A Very Extreme Republican County Committee

Right-wing extremists have lengthy been drawn to Idaho, drawn to its ample land, lack of racial variety (the state is now 93% white) and libertarian model of conservative politics. But in response to longtime residents like Shawn Keenan, an area Democratic activist, the diploma to which extremists are usually not solely flocking right here in the present day however discovering a home within the GOP feels totally different.
I talked to Keenan in Coeur d’Alene — a fast-growing metropolis of 50,000 nestled within the Rockies — at a lakeside park downtown, the identical place he remembers neo-Nazis within the 1990s marching round making an attempt “to recruit blue-eyed blond-haired boys like me to join their Aryan cult.”
Keenan was referring to the Aryan Nations, the white supremacist group that had a big, sprawling compound near right here, up by Hayden Lake. In 1998, members of the group opened fireplace on after which viciously beat Keenan’s aunt and cousin, Victoria and Jason Keenan, each of whom are Native American, after they stopped their automobile near the compound. (A Southern Poverty Law Center-funded lawsuit stemming from the assault ultimately bankrupted the Aryan Nations. Keenan’s aunt, fearing reprisal, fled the realm.)
Back then, Keenan says, he remembers there being some bipartisan opposition to the Aryan Nations, which had terrorized the neighborhood for years.
“It was really easy for the community to organize against that, and you had a lot of buy-in from just about every single business owner downtown, all of the city council, you know, were locked arm in arm on this,” he mentioned. “And it was fairly unified.”
Not a lot anymore, Keenan mentioned. Sure, the Aryan Nations is gone, its 20-acre compound in ruins, however what does that matter when the native GOP is endorsing white supremacists?

On Nov. 2, 2021, Foxx advised his 44,000 followers on Telegram that “If school board races go well in north Idaho, I will be running for something local there soon. And I will win easily.”
Foxx’s dream of public workplace has already been pursued by his pal Dave Reilly, a fellow white nationalist who, regardless of saying “all Jews are dangerous” and having attended the lethal neo-Nazi rally in Charlottesville, Virginia, in 2017, was endorsed final 12 months by the Kootenai County Republican Central Committee for a college board seat in Post Falls, a city neighboring the bigger Coeur d’Alene in north Idaho.
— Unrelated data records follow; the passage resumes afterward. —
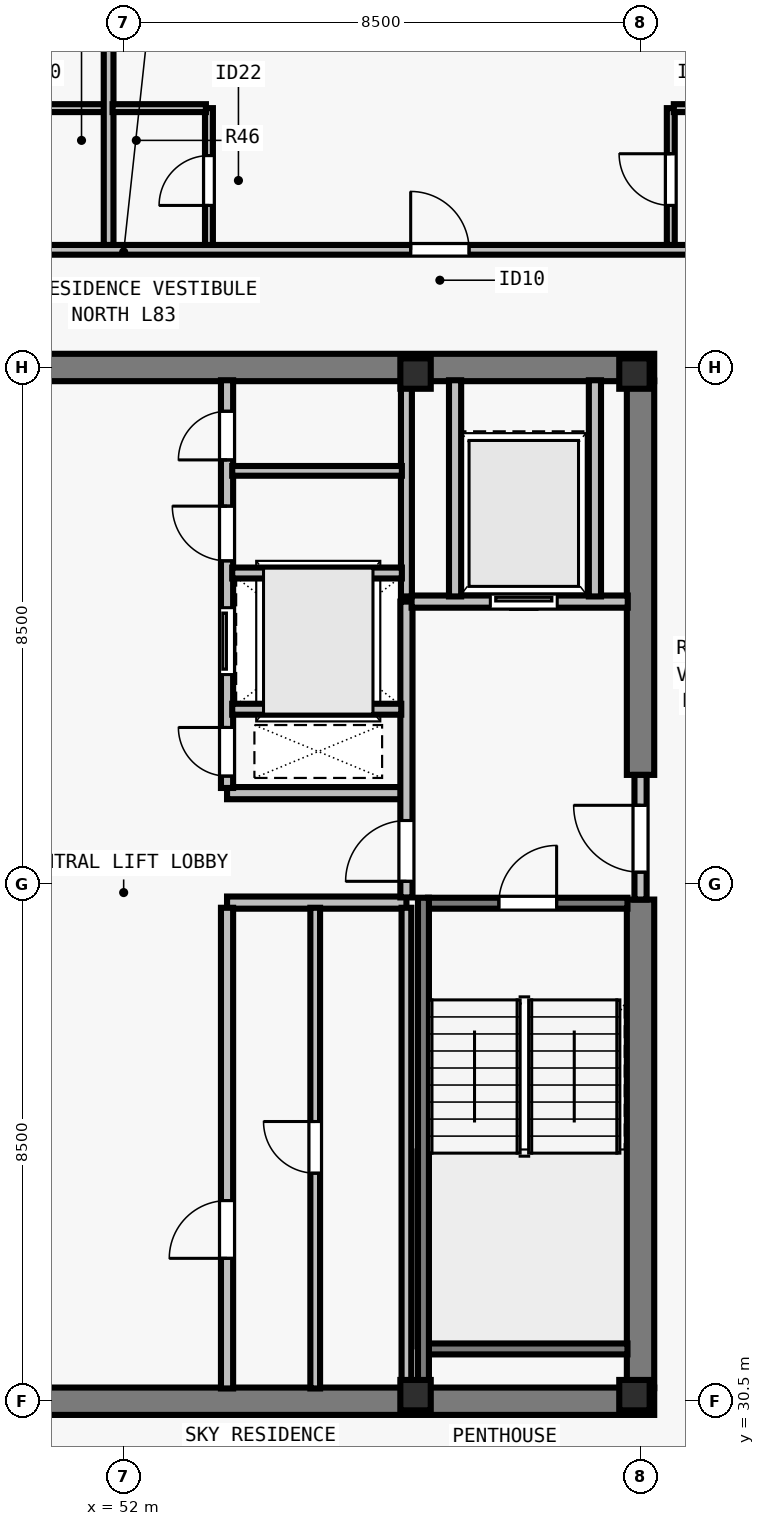
"""IFC4 building model, lengths in metres.
Left out: names, types, materials, properties, quantities, classifications, styles, units other than length and angle.
Written with IfcOpenShell. Run it as: python <this file> out.ifc"""

import sys

from ifc_helpers import new_model, si_unit, direction, frame, frame_2d, origin, origin_2d, place, context, subcontext, project, spatial, rectangle, i_section, extrude, element, fill, save


model = new_model("IFC4")
c1 = context("Model", 3, precision=1e-05, world=origin(), true_north=direction((0.0, 1.0)))
c2 = subcontext(c1, "Body", "Model", "MODEL_VIEW")
j1 = project(units=[si_unit("LENGTHUNIT", "METRE"), si_unit("PLANEANGLEUNIT", "RADIAN")], contexts=[c1])
p1 = place(None, origin())
s1 = spatial("IfcSite", under=j1, at=p1, CompositionType="ELEMENT")
p2 = place(p1, origin())
s2 = spatial("IfcBuilding", under=s1, at=p2, CompositionType="ELEMENT")
p3 = place(p2, frame((0.0, 0.0, 301.5)))
s3 = spatial("IfcBuildingStorey", under=s2, at=p3, CompositionType="ELEMENT", Elevation=301.5)
for number, where, z_axis, x_axis in (
    (1, (56.8, 30.6, 0.0), (0.0, 0.0, 1.0), (1.0, 0.0, 0.0)),
    (2, (60.4, 30.6, 0.0), (0.0, 0.0, 1.0), (1.0, 0.0, 0.0)),
    (3, (56.8, 47.4, 0.0), (0.0, 0.0, 1.0), (1.0, 0.0, 0.0)),
    (4, (60.4, 47.4, 0.0), (0.0, 0.0, 1.0), (1.0, 0.0, 0.0)),
):
    element("IfcColumn", number, at=place(p3, frame(where, z_axis=z_axis, x_axis=x_axis)), inside=s3, PredefinedType="COLUMN", context=c2, shape_type="SweptSolid", body=[
        extrude(i_section(OverallWidth=0.5, OverallDepth=0.5, WebThickness=0.028, FlangeThickness=0.045, at=origin_2d()), origin(), (0.0, 0.0, 1.0), 3.5),
    ])
for number, where, z_axis, x_axis in (
    (5, (43.275, 30.5, 0.0), (0.0, 0.0, 1.0), (1.0, 0.0, 0.0)),
    (6, (43.275, 47.5, 0.0), (0.0, 0.0, 1.0), (1.0, 0.0, 0.0)),
):
    element("IfcWall", number, at=place(p3, frame(where, z_axis=z_axis, x_axis=x_axis)), inside=s3, PredefinedType="SHEAR", context=c2, shape_type="SweptSolid", body=[
        extrude(rectangle(XDim=17.45, YDim=0.45, at=frame_2d((8.725, 0.0))), origin(), (0.0, 0.0, 1.0), 3.29),
    ])
p4 = place(p3, frame((60.5, 30.715, 0.0), z_axis=(0.0, 0.0, 1.0), x_axis=(0.0, 1.0, 0.0)))
e7 = element("IfcWall", 7, at=p4, inside=s3, PredefinedType="SHEAR", context=c2, shape_type="SweptSolid", body=[
    extrude(rectangle(XDim=8.035, YDim=0.45, at=frame_2d((4.018, 0.0))), origin(), (0.0, 0.0, 1.0), 3.29),
])
p5 = place(p3, frame((60.5, 40.8, 0.0), z_axis=(0.0, 0.0, 1.0), x_axis=(0.0, 1.0, 0.0)))
e8 = element("IfcWall", 8, at=p5, inside=s3, PredefinedType="SHEAR", context=c2, shape_type="SweptSolid", body=[
    extrude(rectangle(XDim=6.485, YDim=0.45, at=frame_2d((3.242, 0.0))), origin(), (0.0, 0.0, 1.0), 3.29),
])
for number, where, z_axis, x_axis in (
    (9, (53.7, 38.7, 0.0), (0.0, 0.0, 1.0), (1.0, 0.0, 0.0)),
    (10, (53.7, 40.5, 0.0), (0.0, 0.0, 1.0), (1.0, 0.0, 0.0)),
):
    element("IfcWall", number, at=place(p3, frame(where, z_axis=z_axis, x_axis=x_axis)), inside=s3, PredefinedType="SOLIDWALL", context=c2, shape_type="SweptSolid", body=[
        extrude(rectangle(XDim=2.95, YDim=0.2, at=frame_2d((1.475, 0.0))), origin(), (0.0, 0.0, 1.0), 3.29),
    ])
p6 = place(p3, frame((53.7, 30.71, 0.0), z_axis=(0.0, 0.0, 1.0), x_axis=(0.0, 1.0, 0.0)))
e11 = element("IfcWall", 11, at=p6, inside=s3, PredefinedType="SOLIDWALL", context=c2, shape_type="SweptSolid", body=[
    extrude(rectangle(XDim=7.905, YDim=0.2, at=frame_2d((3.953, 0.0))), origin(), (0.0, 0.0, 1.0), 3.29),
])
p7 = place(p6, frame((2.14, 0.0, 0.0)))
e12 = element("IfcOpeningElement", 12, at=p7, cuts=e11, PredefinedType="OPENING", context=c2, shape_type="SweptSolid", body=[
    extrude(rectangle(XDim=0.95, YDim=2.12, at=frame_2d((0.475, 1.06))), frame((0.0, 0.11, 0.0), z_axis=(0.0, -1.0, 0.0), x_axis=(1.0, 0.0, 0.0)), (0.0, 0.0, 1.0), 0.22),
])
p8 = place(p3, frame((53.7, 40.585, 0.0), z_axis=(0.0, 0.0, 1.0), x_axis=(0.0, 1.0, 0.0)))
e13 = element("IfcWall", 13, at=p8, inside=s3, PredefinedType="SOLIDWALL", context=c2, shape_type="SweptSolid", body=[
    extrude(rectangle(XDim=6.705, YDim=0.2, at=frame_2d((3.353, 0.0))), origin(), (0.0, 0.0, 1.0), 3.29),
])
p9 = place(p8, frame((0.195, 0.0, 0.0)))
e14 = element("IfcOpeningElement", 14, at=p9, cuts=e13, PredefinedType="OPENING", context=c2, shape_type="SweptSolid", body=[
    extrude(rectangle(XDim=0.8, YDim=2.08, at=frame_2d((0.4, 1.04))), frame((0.0, 0.11, 0.0), z_axis=(0.0, -1.0, 0.0), x_axis=(1.0, 0.0, 0.0)), (0.0, 0.0, 1.0), 0.22),
])
p10 = place(p8, frame((1.865, 0.0, 0.0)))
e15 = element("IfcOpeningElement", 15, at=p10, cuts=e13, PredefinedType="OPENING", context=c2, shape_type="SweptSolid", body=[
    extrude(rectangle(XDim=1.1, YDim=2.2, at=frame_2d((0.55, 1.1))), frame((0.0, 0.11, 0.0), z_axis=(0.0, -1.0, 0.0), x_axis=(1.0, 0.0, 0.0)), (0.0, 0.0, 1.0), 0.22),
])
p11 = place(p8, frame((3.735, 0.0, 0.0)))
e16 = element("IfcOpeningElement", 16, at=p11, cuts=e13, PredefinedType="OPENING", context=c2, shape_type="SweptSolid", body=[
    extrude(rectangle(XDim=0.9, YDim=2.12, at=frame_2d((0.45, 1.06))), frame((0.0, 0.11, 0.0), z_axis=(0.0, -1.0, 0.0), x_axis=(1.0, 0.0, 0.0)), (0.0, 0.0, 1.0), 0.22),
])
p12 = place(p8, frame((5.395, 0.0, 0.0)))
e17 = element("IfcOpeningElement", 17, at=p12, cuts=e13, PredefinedType="OPENING", context=c2, shape_type="SweptSolid", body=[
    extrude(rectangle(XDim=0.8, YDim=2.1, at=frame_2d((0.4, 1.05))), frame((0.0, 0.11, 0.0), z_axis=(0.0, -1.0, 0.0), x_axis=(1.0, 0.0, 0.0)), (0.0, 0.0, 1.0), 0.22),
])
p13 = place(p3, frame((60.5, 38.75, 0.0), z_axis=(0.0, 0.0, 1.0), x_axis=(0.0, 1.0, 0.0)))
e18 = element("IfcWall", 18, at=p13, inside=s3, PredefinedType="SOLIDWALL", context=c2, shape_type="SweptSolid", body=[
    extrude(rectangle(XDim=2.05, YDim=0.2, at=frame_2d((1.025, 0.0))), origin(), (0.0, 0.0, 1.0), 3.29),
])
p14 = place(p13, frame((0.45, 0.0, 0.0)))
e19 = element("IfcOpeningElement", 19, at=p14, cuts=e18, PredefinedType="OPENING", context=c2, shape_type="SweptSolid", body=[
    extrude(rectangle(XDim=1.1, YDim=2.15, at=frame_2d((0.55, 1.075))), frame((0.0, 0.11, 0.0), z_axis=(0.0, -1.0, 0.0), x_axis=(1.0, 0.0, 0.0)), (0.0, 0.0, 1.0), 0.22),
])
p15 = place(p3, frame((56.65, 38.785, 0.0), z_axis=(0.0, 0.0, 1.0), x_axis=(0.0, 1.0, 0.0)))
e20 = element("IfcWall", 20, at=p15, inside=s3, PredefinedType="SOLIDWALL", context=c2, shape_type="SweptSolid", body=[
    extrude(rectangle(XDim=4.865, YDim=0.2, at=frame_2d((2.433, 0.0))), origin(), (0.0, 0.0, 1.0), 3.29),
])
p16 = place(p15, frame((0.265, 0.0, 0.0)))
e21 = element("IfcOpeningElement", 21, at=p16, cuts=e20, PredefinedType="OPENING", context=c2, shape_type="SweptSolid", body=[
    extrude(rectangle(XDim=1.0, YDim=2.15, at=frame_2d((0.5, 1.075))), frame((0.0, 0.11, 0.0), z_axis=(0.0, -1.0, 0.0), x_axis=(1.0, 0.0, 0.0)), (0.0, 0.0, 1.0), 0.22),
])
p17 = place(p3, frame((56.735, 43.65, 0.0), z_axis=(0.0, 0.0, 1.0), x_axis=(1.0, 0.0, 0.0)))
e22 = element("IfcWall", 22, at=p17, inside=s3, PredefinedType="SOLIDWALL", context=c2, shape_type="SweptSolid", body=[
    extrude(rectangle(XDim=3.555, YDim=0.2, at=frame_2d((1.777, 0.0))), origin(), (0.0, 0.0, 1.0), 3.29),
])
p18 = place(p17, frame((1.295, 0.0, 0.0)))
e23 = element("IfcOpeningElement", 23, at=p18, cuts=e22, PredefinedType="OPENING", context=c2, shape_type="SweptSolid", body=[
    extrude(rectangle(XDim=1.1, YDim=2.2, at=frame_2d((0.55, 1.1))), frame((0.0, 0.11, 0.0), z_axis=(0.0, -1.0, 0.0), x_axis=(1.0, 0.0, 0.0)), (0.0, 0.0, 1.0), 0.22),
])
for number, where, z_axis, x_axis in (
    (24, (57.45, 43.735, 0.0), (0.0, 0.0, 1.0), (0.0, 1.0, 0.0)),
    (25, (59.75, 43.735, 0.0), (0.0, 0.0, 1.0), (0.0, 1.0, 0.0)),
):
    element("IfcWall", number, at=place(p3, frame(where, z_axis=z_axis, x_axis=x_axis)), inside=s3, PredefinedType="SOLIDWALL", context=c2, shape_type="SweptSolid", body=[
        extrude(rectangle(XDim=3.555, YDim=0.2, at=frame_2d((1.777, 0.0))), origin(), (0.0, 0.0, 1.0), 3.29),
    ])
p19 = place(p3, frame((56.65, 30.71, 0.0), z_axis=(0.0, 0.0, 1.0), x_axis=(0.0, 1.0, 0.0)))
e26 = element("IfcWall", 26, at=p19, inside=s3, PredefinedType="PARTITIONING", context=c2, shape_type="SweptSolid", body=[
    extrude(rectangle(XDim=7.905, YDim=0.16, at=frame_2d((3.953, 0.0))), origin(), (0.0, 0.0, 1.0), 3.29),
])
p20 = place(p3, frame((55.15, 30.71, 0.0), z_axis=(0.0, 0.0, 1.0), x_axis=(0.0, 1.0, 0.0)))
e27 = element("IfcWall", 27, at=p20, inside=s3, PredefinedType="PARTITIONING", context=c2, shape_type="SweptSolid", body=[
    extrude(rectangle(XDim=7.905, YDim=0.16, at=frame_2d((3.953, 0.0))), origin(), (0.0, 0.0, 1.0), 3.29),
])
p21 = place(p20, frame((3.54, 0.0, 0.0)))
e28 = element("IfcOpeningElement", 28, at=p21, cuts=e27, PredefinedType="OPENING", context=c2, shape_type="SweptSolid", body=[
    extrude(rectangle(XDim=0.85, YDim=2.12, at=frame_2d((0.425, 1.06))), frame((0.0, 0.09, 0.0), z_axis=(0.0, -1.0, 0.0), x_axis=(1.0, 0.0, 0.0)), (0.0, 0.0, 1.0), 0.18),
])
p22 = place(p3, frame((56.65, 43.735, 0.0), z_axis=(0.0, 0.0, 1.0), x_axis=(0.0, 1.0, 0.0)))
e29 = element("IfcWall", 29, at=p22, inside=s3, PredefinedType="SOLIDWALL", context=c2, shape_type="SweptSolid", body=[
    extrude(rectangle(XDim=3.555, YDim=0.18, at=frame_2d((1.777, 0.0))), origin(), (0.0, 0.0, 1.0), 3.29),
])
p23 = place(p3, frame((53.785, 41.88, 0.0), z_axis=(0.0, 0.0, 1.0), x_axis=(1.0, 0.0, 0.0)))
e30 = element("IfcWall", 30, at=p23, inside=s3, PredefinedType="SOLIDWALL", context=c2, shape_type="SweptSolid", body=[
    extrude(rectangle(XDim=2.78, YDim=0.18, at=frame_2d((1.39, 0.0))), origin(), (0.0, 0.0, 1.0), 3.29),
])
p24 = place(p3, frame((53.785, 44.12, 0.0), z_axis=(0.0, 0.0, 1.0), x_axis=(1.0, 0.0, 0.0)))
e31 = element("IfcWall", 31, at=p24, inside=s3, PredefinedType="SOLIDWALL", context=c2, shape_type="SweptSolid", body=[
    extrude(rectangle(XDim=2.79, YDim=0.18, at=frame_2d((1.395, 0.0))), origin(), (0.0, 0.0, 1.0), 3.29),
])
p25 = place(p3, frame((53.785, 45.8, 0.0), z_axis=(0.0, 0.0, 1.0), x_axis=(1.0, 0.0, 0.0)))
e32 = element("IfcWall", 32, at=p25, inside=s3, PredefinedType="PARTITIONING", context=c2, shape_type="SweptSolid", body=[
    extrude(rectangle(XDim=2.79, YDim=0.16, at=frame_2d((1.395, 0.0))), origin(), (0.0, 0.0, 1.0), 3.29),
])
p26 = place(p3, frame((31.285, 49.435, 0.0), z_axis=(0.0, 0.0, 1.0), x_axis=(1.0, 0.0, 0.0)))
e33 = element("IfcWall", 33, at=p26, inside=s3, PredefinedType="PARTITIONING", context=c2, shape_type="SweptSolid", body=[
    extrude(rectangle(XDim=41.43, YDim=0.16, at=frame_2d((20.715, 0.0))), origin(), (0.0, 0.0, 1.0), 3.009),
])
p27 = place(p26, frame((4.979, 0.0, 0.0)))
e34 = element("IfcOpeningElement", 34, at=p27, cuts=e33, PredefinedType="OPENING", context=c2, shape_type="SweptSolid", body=[
    extrude(rectangle(XDim=0.96, YDim=2.18, at=frame_2d((0.48, 1.09))), frame((0.0, 0.09, 0.0), z_axis=(0.0, -1.0, 0.0), x_axis=(1.0, 0.0, 0.0)), (0.0, 0.0, 1.0), 0.18),
])
p28 = place(p26, frame((15.145, 0.0, 0.0)))
e35 = element("IfcOpeningElement", 35, at=p28, cuts=e33, PredefinedType="OPENING", context=c2, shape_type="SweptSolid", body=[
    extrude(rectangle(XDim=0.96, YDim=2.18, at=frame_2d((0.48, 1.09))), frame((0.0, 0.09, 0.0), z_axis=(0.0, -1.0, 0.0), x_axis=(1.0, 0.0, 0.0)), (0.0, 0.0, 1.0), 0.18),
])
p29 = place(p26, frame((25.435, 0.0, 0.0)))
e36 = element("IfcOpeningElement", 36, at=p29, cuts=e33, PredefinedType="OPENING", context=c2, shape_type="SweptSolid", body=[
    extrude(rectangle(XDim=0.96, YDim=2.18, at=frame_2d((0.48, 1.09))), frame((0.0, 0.09, 0.0), z_axis=(0.0, -1.0, 0.0), x_axis=(1.0, 0.0, 0.0)), (0.0, 0.0, 1.0), 0.18),
])
p30 = place(p26, frame((35.849, 0.0, 0.0)))
e37 = element("IfcOpeningElement", 37, at=p30, cuts=e33, PredefinedType="OPENING", context=c2, shape_type="SweptSolid", body=[
    extrude(rectangle(XDim=0.96, YDim=2.18, at=frame_2d((0.48, 1.09))), frame((0.0, 0.09, 0.0), z_axis=(0.0, -1.0, 0.0), x_axis=(1.0, 0.0, 0.0)), (0.0, 0.0, 1.0), 0.18),
])
p31 = place(p3, frame((50.153, 51.765, 0.0), z_axis=(0.0, 0.0, 1.0), x_axis=(1.0, 0.0, 0.0)))
e38 = element("IfcWall", 38, at=p31, inside=s3, PredefinedType="PLUMBINGWALL", context=c2, shape_type="SweptSolid", body=[
    extrude(rectangle(XDim=1.6, YDim=0.13, at=frame_2d((0.8, 0.0))), origin(), (0.0, 0.0, 1.0), 3.29),
])
p32 = place(p3, frame((51.752, 49.515, 0.0), z_axis=(0.0, 0.0, 1.0), x_axis=(0.0, 1.0, 0.0)))
e39 = element("IfcWall", 39, at=p32, inside=s3, PredefinedType="PARTITIONING", context=c2, shape_type="SweptSolid", body=[
    extrude(rectangle(XDim=10.185, YDim=0.16, at=frame_2d((5.093, 0.0))), origin(), (0.0, 0.0, 1.0), 3.009),
])
p33 = place(p3, frame((53.403, 49.515, 0.0), z_axis=(0.0, 0.0, 1.0), x_axis=(0.0, 1.0, 0.0)))
e40 = element("IfcWall", 40, at=p33, inside=s3, PredefinedType="PLUMBINGWALL", context=c2, shape_type="SweptSolid", body=[
    extrude(rectangle(XDim=2.25, YDim=0.13, at=frame_2d((1.125, 0.0))), origin(), (0.0, 0.0, 1.0), 3.29),
])
p34 = place(p33, frame((0.65, 0.0, 0.0)))
e41 = element("IfcOpeningElement", 41, at=p34, cuts=e40, PredefinedType="OPENING", context=c2, shape_type="SweptSolid", body=[
    extrude(rectangle(XDim=0.82, YDim=2.1, at=frame_2d((0.41, 1.05))), frame((0.0, 0.075, 0.0), z_axis=(0.0, -1.0, 0.0), x_axis=(1.0, 0.0, 0.0)), (0.0, 0.0, 1.0), 0.15),
])
p35 = place(p3, frame((51.817, 51.765, 0.0), z_axis=(0.0, 0.0, 1.0), x_axis=(1.0, 0.0, 0.0)))
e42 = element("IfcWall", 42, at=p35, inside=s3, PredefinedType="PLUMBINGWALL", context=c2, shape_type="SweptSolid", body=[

Even after the endorsement drew damaging media protection, the KCRCC didn’t again down. “I believe Dave is a good man who will make an excellent Trustee and will resist the Progressive/Marxist indoctrination of our children,” Brent Regan, the committee’s chairman, wrote in a press release. (Reilly didn’t win the college board seat in Post Falls — however he carried out fairly nicely for a man who was in Charlottesville in 2017, successful 47% of nearly 2,000 votes.)
Regan has been on the middle of the Idaho GOP’s radicalization. At his perch atop KCRCC and as chair of the board of the Idaho Freedom Foundation, an influential statewide group, each organizations have staked out far-right positions they then demand that conservatives embrace or else be labeled a RINO (Republican In Name Only).
Regan has additionally repeatedly embraced noxious extremist teams and figures, like in 2019, when he led the KCRCC in passing a decision asking the federal authorities to permit Austrian white nationalist Martin Sellner, who had shut ties to the person who massacred 50 Muslims in New Zealand, to enter the nation in order that he might marry his fiance, a north Idaho-based alt-right influencer.
Last summer season, the KCRCC unanimously handed one other decision, affirming its whole help for the John Birch Society, the conspiratorial anti-communist group that’s, in some ways, the antecedent to QAnon and whose founder as soon as declared that “democracy is a fraud.”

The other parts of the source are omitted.